Diaz is founder/owner of Philanthrolab Science Shop and teaches life science classes for homeschoolers and public events like SPACEcraft. During the past two years, she created a curriculum and taught 51 virtual science classes for homeschoolers and 18 one-hour, in-person sessions.
Some Moon Facts in the “class” handout. . .
The Moon is drifting away from the Earth.
The dark side of the Moon is a myth.
A person would weigh much less on the Moon.
Earth’s only natural satellite is simply called “the Moon”
because people didn’t know other moons existed
until Galileo Galilei discovered four moons orbiting Jupiter in 1610.
During the hands-on activity, Georgia, her mom and other families learned about the phases of the Moon and created a model from a paper plate.
Inside the shipping container, Mitzi Gordon was straightening up the art space and clearing out unwanted critters – ants that had wandered by and decided to stay. Outside, facilitator Emily checked on those at the tables and the supply of water and snacks provided to attendees.

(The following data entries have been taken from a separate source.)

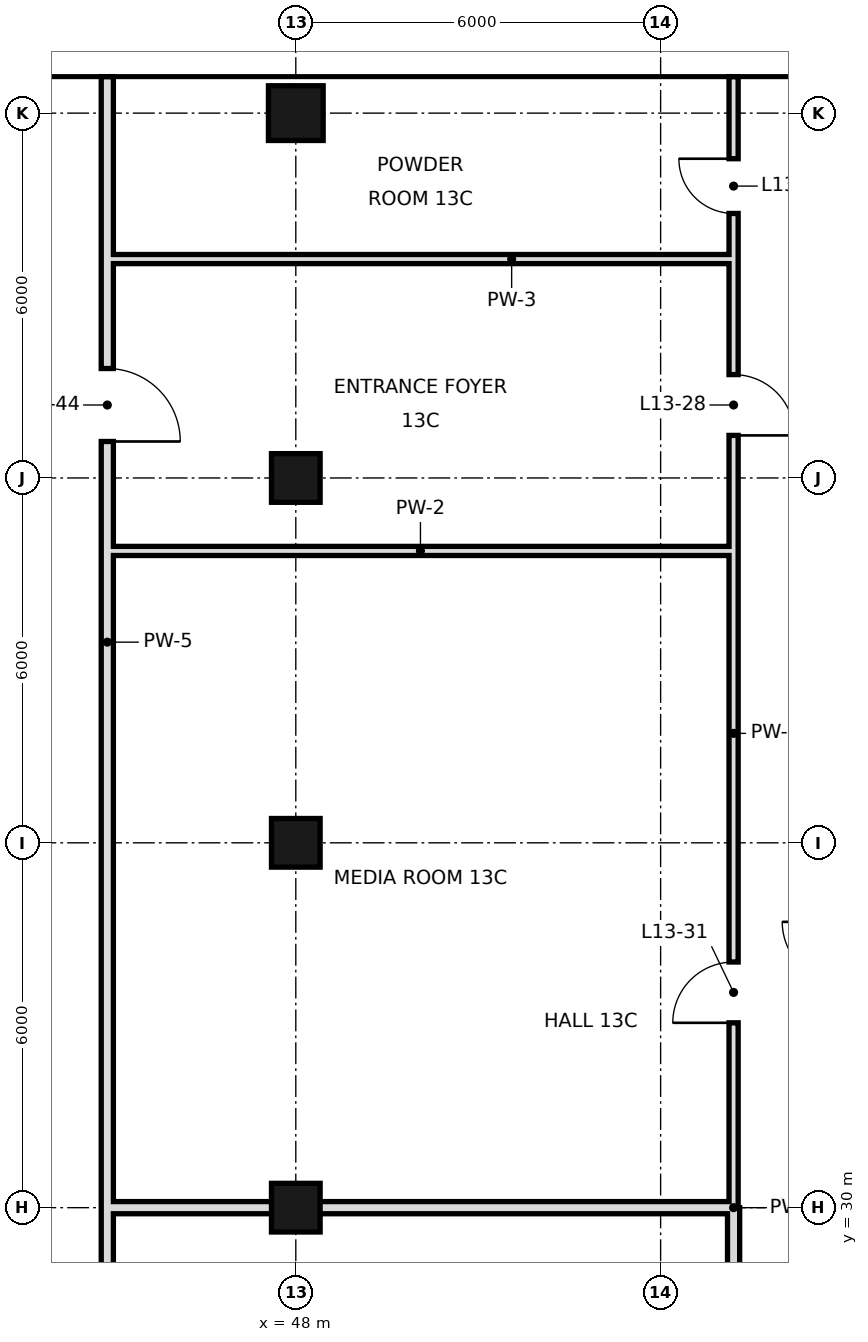
"""IFC4 building model, lengths in metres.
Left out: names, types, materials, properties, quantities, classifications, styles, units other than length and angle.
Written with IfcOpenShell. Run it as: python <this file> out.ifc"""

import sys

from ifc_helpers import new_model, si_unit, direction, frame, frame_2d, origin, origin_2d, place, context, subcontext, project, spatial, rectangle, hollow_rectangle, extrude, element, fill, save


model = new_model("IFC4")
c1 = context("Model", 3, precision=1e-05, world=origin(), true_north=direction((0.0, 1.0)))
c2 = subcontext(c1, "Body", "Model", "MODEL_VIEW")
j1 = project(units=[si_unit("LENGTHUNIT", "METRE"), si_unit("PLANEANGLEUNIT", "RADIAN")], contexts=[c1])
p1 = place(None, origin())
s1 = spatial("IfcSite", under=j1, at=p1, CompositionType="ELEMENT")
p2 = place(p1, origin())
s2 = spatial("IfcBuilding", under=s1, at=p2, CompositionType="ELEMENT")
p3 = place(p2, frame((0.0, 0.0, 67.8)))
s3 = spatial("IfcBuildingStorey", under=s2, at=p3, CompositionType="ELEMENT", Elevation=67.8)
for number, where, z_axis, x_axis in (
    (1, (48.0, 30.0, 0.0), (0.0, 0.0, 1.0), (1.0, 0.0, 0.0)),
    (2, (48.0, 36.0, 0.0), (0.0, 0.0, 1.0), (1.0, 0.0, 0.0)),
    (3, (48.0, 42.0, 0.0), (0.0, 0.0, 1.0), (1.0, 0.0, 0.0)),
):
    element("IfcColumn", number, at=place(p3, frame(where, z_axis=z_axis, x_axis=x_axis)), inside=s3, PredefinedType="COLUMN", context=c2, shape_type="SweptSolid", body=[
        extrude(hollow_rectangle(XDim=0.8, YDim=0.8, WallThickness=0.04, at=origin_2d()), origin(), (0.0, 0.0, 1.0), 3.6),
    ])
p4 = place(p3, frame((48.0, 48.0, 0.0), z_axis=(0.0, 0.0, 1.0), x_axis=(1.0, 0.0, 0.0)))
e4 = element("IfcColumn", 4, at=p4, inside=s3, PredefinedType="COLUMN", context=c2, shape_type="SweptSolid", body=[
    extrude(hollow_rectangle(XDim=0.9, YDim=0.9, WallThickness=0.045, at=origin_2d()), origin(), (0.0, 0.0, 1.0), 3.6),
])
p5 = place(p3, frame((44.9, 30.0, 0.0), z_axis=(0.0, 0.0, 1.0), x_axis=(0.0, 1.0, 0.0)))
e5 = element("IfcWall", 5, at=p5, inside=s3, PredefinedType="SOLIDWALL", context=c2, shape_type="SweptSolid", body=[
    extrude(rectangle(XDim=18.6, YDim=0.2, at=frame_2d((9.3, 0.0))), origin(), (0.0, 0.0, 1.0), 2.72),
])
p6 = place(p5, frame((12.6, 0.0, 0.0)))
e6 = element("IfcOpeningElement", 6, at=p6, cuts=e5, PredefinedType="OPENING", context=c2, shape_type="SweptSolid", body=[
    extrude(rectangle(XDim=1.2, YDim=2.4, at=frame_2d((0.6, 1.2))), frame((0.0, 0.11, 0.0), z_axis=(0.0, -1.0, 0.0), x_axis=(1.0, 0.0, 0.0)), (0.0, 0.0, 1.0), 0.22),
])
p7 = place(p3, frame((44.9, 25.8, 0.0), z_axis=(0.0, 0.0, 1.0), x_axis=(0.0, 1.0, 0.0)))
e7 = element("IfcWall", 7, at=p7, inside=s3, PredefinedType="SOLIDWALL", context=c2, shape_type="SweptSolid", body=[
    extrude(rectangle(XDim=4.2, YDim=0.2, at=frame_2d((2.1, 0.0))), origin(), (0.0, 0.0, 1.0), 2.97),
])
p8 = place(p3, frame((55.2, 25.8, 0.0), z_axis=(0.0, 0.0, 1.0), x_axis=(0.0, 1.0, 0.0)))
e8 = element("IfcWall", 8, at=p8, inside=s3, PredefinedType="SOLIDWALL", context=c2, shape_type="SweptSolid", body=[
    extrude(rectangle(XDim=4.2, YDim=0.2, at=frame_2d((2.1, 0.0))), origin(), (0.0, 0.0, 1.0), 2.52),
])
p9 = place(p8, frame((1.6, 0.0, 0.0)))
e9 = element("IfcOpeningElement", 9, at=p9, cuts=e8, PredefinedType="OPENING", context=c2, shape_type="SweptSolid", body=[
    extrude(rectangle(XDim=1.0, YDim=2.4, at=frame_2d((0.5, 1.2))), frame((0.0, 0.11, 0.0), z_axis=(0.0, -1.0, 0.0), x_axis=(1.0, 0.0, 0.0)), (0.0, 0.0, 1.0), 0.22),
])
p10 = place(p3, frame((55.2, 30.0, 0.0), z_axis=(0.0, 0.0, 1.0), x_axis=(0.0, 1.0, 0.0)))
e10 = element("IfcWall", 10, at=p10, inside=s3, PredefinedType="PARTITIONING", context=c2, shape_type="SweptSolid", body=[
    extrude(rectangle(XDim=15.6, YDim=0.15, at=frame_2d((7.8, 0.0))), origin(), (0.0, 0.0, 1.0), 3.42),
])
p11 = place(p10, frame((12.7, 0.0, 0.0)))
e11 = element("IfcOpeningElement", 11, at=p11, cuts=e10, PredefinedType="OPENING", context=c2, shape_type="SweptSolid", body=[
    extrude(rectangle(XDim=1.0, YDim=2.4, at=frame_2d((0.5, 1.2))), frame((0.0, 0.085, 0.0), z_axis=(0.0, -1.0, 0.0), x_axis=(1.0, 0.0, 0.0)), (0.0, 0.0, 1.0), 0.17),
])
p12 = place(p10, frame((3.04, 0.0, 0.0)))
e12 = element("IfcOpeningElement", 12, at=p12, cuts=e10, PredefinedType="OPENING", context=c2, shape_type="SweptSolid", body=[
    extrude(rectangle(XDim=1.0, YDim=2.4, at=frame_2d((0.5, 1.2))), frame((0.0, 0.085, 0.0), z_axis=(0.0, -1.0, 0.0), x_axis=(1.0, 0.0, 0.0)), (0.0, 0.0, 1.0), 0.17),
])
p13 = place(p3, frame((55.2, 45.6, 0.0), z_axis=(0.0, 0.0, 1.0), x_axis=(0.0, 1.0, 0.0)))
e13 = element("IfcWall", 13, at=p13, inside=s3, PredefinedType="PARTITIONING", context=c2, shape_type="SweptSolid", body=[
    extrude(rectangle(XDim=3.0, YDim=0.15, at=frame_2d((1.5, 0.0))), origin(), (0.0, 0.0, 1.0), 3.42),
])
p14 = place(p13, frame((0.75, 0.0, 0.0)))
e14 = element("IfcOpeningElement", 14, at=p14, cuts=e13, PredefinedType="OPENING", context=c2, shape_type="SweptSolid", body=[
    extrude(rectangle(XDim=0.9, YDim=2.4, at=frame_2d((0.45, 1.2))), frame((0.0, 0.085, 0.0), z_axis=(0.0, -1.0, 0.0), x_axis=(1.0, 0.0, 0.0)), (0.0, 0.0, 1.0), 0.17),
])
p15 = place(p3, frame((44.9, 30.0, 0.0), z_axis=(0.0, 0.0, 1.0), x_axis=(1.0, 0.0, 0.0)))
e15 = element("IfcWall", 15, at=p15, inside=s3, PredefinedType="SOLIDWALL", context=c2, shape_type="SweptSolid", body=[
    extrude(rectangle(XDim=10.3, YDim=0.2, at=frame_2d((5.15, 0.0))), origin(), (0.0, 0.0, 1.0), 2.52),
])
for number, where, z_axis, x_axis in (
    (16, (44.9, 40.8, 0.0), (0.0, 0.0, 1.0), (1.0, 0.0, 0.0)),
    (17, (44.9, 45.6, 0.0), (0.0, 0.0, 1.0), (1.0, 0.0, 0.0)),
):
    element("IfcWall", number, at=place(p3, frame(where, z_axis=z_axis, x_axis=x_axis)), inside=s3, PredefinedType="PARTITIONING", context=c2, shape_type="SweptSolid", body=[
        extrude(rectangle(XDim=10.3, YDim=0.15, at=frame_2d((5.15, 0.0))), origin(), (0.0, 0.0, 1.0), 3.42),
    ])
p16 = place(p11, frame((1.0, 0.0, 0.0), z_axis=(0.0, 0.0, 1.0), x_axis=(-1.0, 0.0, 0.0)))
e18 = element("IfcDoor", 18, at=p16, inside=s3, OperationType="SINGLE_SWING_RIGHT", PredefinedType="DOOR", context=c2, shape_type="SweptSolid", body=[
    extrude(rectangle(XDim=1.0, YDim=2.4, at=frame_2d((0.5, 1.2))), frame((0.0, 0.025, 0.0), z_axis=(0.0, -1.0, 0.0), x_axis=(1.0, 0.0, 0.0)), (0.0, 0.0, 1.0), 0.05),
])
fill(e11, e18)
p17 = place(p12, origin())
e19 = element("IfcDoor", 19, at=p17, inside=s3, OperationType="SINGLE_SWING_LEFT", PredefinedType="DOOR", context=c2, shape_type="SweptSolid", body=[
    extrude(rectangle(XDim=1.0, YDim=2.4, at=frame_2d((0.5, 1.2))), frame((0.0, 0.025, 0.0), z_axis=(0.0, -1.0, 0.0), x_axis=(1.0, 0.0, 0.0)), (0.0, 0.0, 1.0), 0.05),
])
fill(e12, e19)
p18 = place(p14, frame((0.9, 0.0, 0.0), z_axis=(0.0, 0.0, 1.0), x_axis=(-1.0, 0.0, 0.0)))
e20 = element("IfcDoor", 20, at=p18, inside=s3, OperationType="SINGLE_SWING_LEFT", PredefinedType="DOOR", context=c2, shape_type="SweptSolid", body=[
    extrude(rectangle(XDim=0.9, YDim=2.4, at=frame_2d((0.45, 1.2))), frame((0.0, 0.025, 0.0), z_axis=(0.0, -1.0, 0.0), x_axis=(1.0, 0.0, 0.0)), (0.0, 0.0, 1.0), 0.05),
])
fill(e14, e20)
p19 = place(p6, frame((1.2, 0.0, 0.0), z_axis=(0.0, 0.0, 1.0), x_axis=(-1.0, 0.0, 0.0)))
e21 = element("IfcDoor", 21, at=p19, inside=s3, OperationType="SINGLE_SWING_RIGHT", PredefinedType="DOOR", context=c2, shape_type="SweptSolid", body=[
    extrude(rectangle(XDim=1.2, YDim=2.4, at=frame_2d((0.6, 1.2))), frame((0.0, 0.025, 0.0), z_axis=(0.0, -1.0, 0.0), x_axis=(1.0, 0.0, 0.0)), (0.0, 0.0, 1.0), 0.05),
])
fill(e6, e21)
save(model, sys.argv[1])

At another table, Chris Krampert and his two daughters Caroline and Charlotte and their friend Coral Taylor assembled a puzzle with constellations.
Krampert says they’ve attended and enjoyed other SPACEcraft events. “I had a lot of fun playing at the drum circle and playing the other musical instruments,” he explains with a chuckle.
Around the corner at another table, 79-year-old Elsa Larrea with her husband and daughter Betty, relaxed and chatted while Mrs. Larrea finished coloring a picture. The day out with family was considered a treat since she had suffered a stroke last year and, most recently, was recovering from a broken hip.
They came to one of the first SPACEcraft events originally for her 4-year-old granddaughter Cadenze (coincidentally it was one of our “Two Happy Ukers” performances!) and found it a “beautiful” family experience. And they’ve kept going to SPACEcraft, traveling with it to the different locations for the opportunity to learn and share creative times with others.
Betty Larrera, an author, has written a children’s book Lucinda’s Magical Yoga Adventures. She’s been invited to read her book at a future SPACEcraft.
*My ukulele group at the time, Three Happy Ukers, had offered to perform to celebrate SPACEcraft’s launch in March 2020. With the pandemic, it didn’t happen. Eventually, my husband and I, Two Happy Ukers, were booked to play at a few of the early events, singalongs and ukulele playalongs, at John Chesnut Park in Palm Harbor, Oldsmar City Hall and Highlander Park in Dunedin.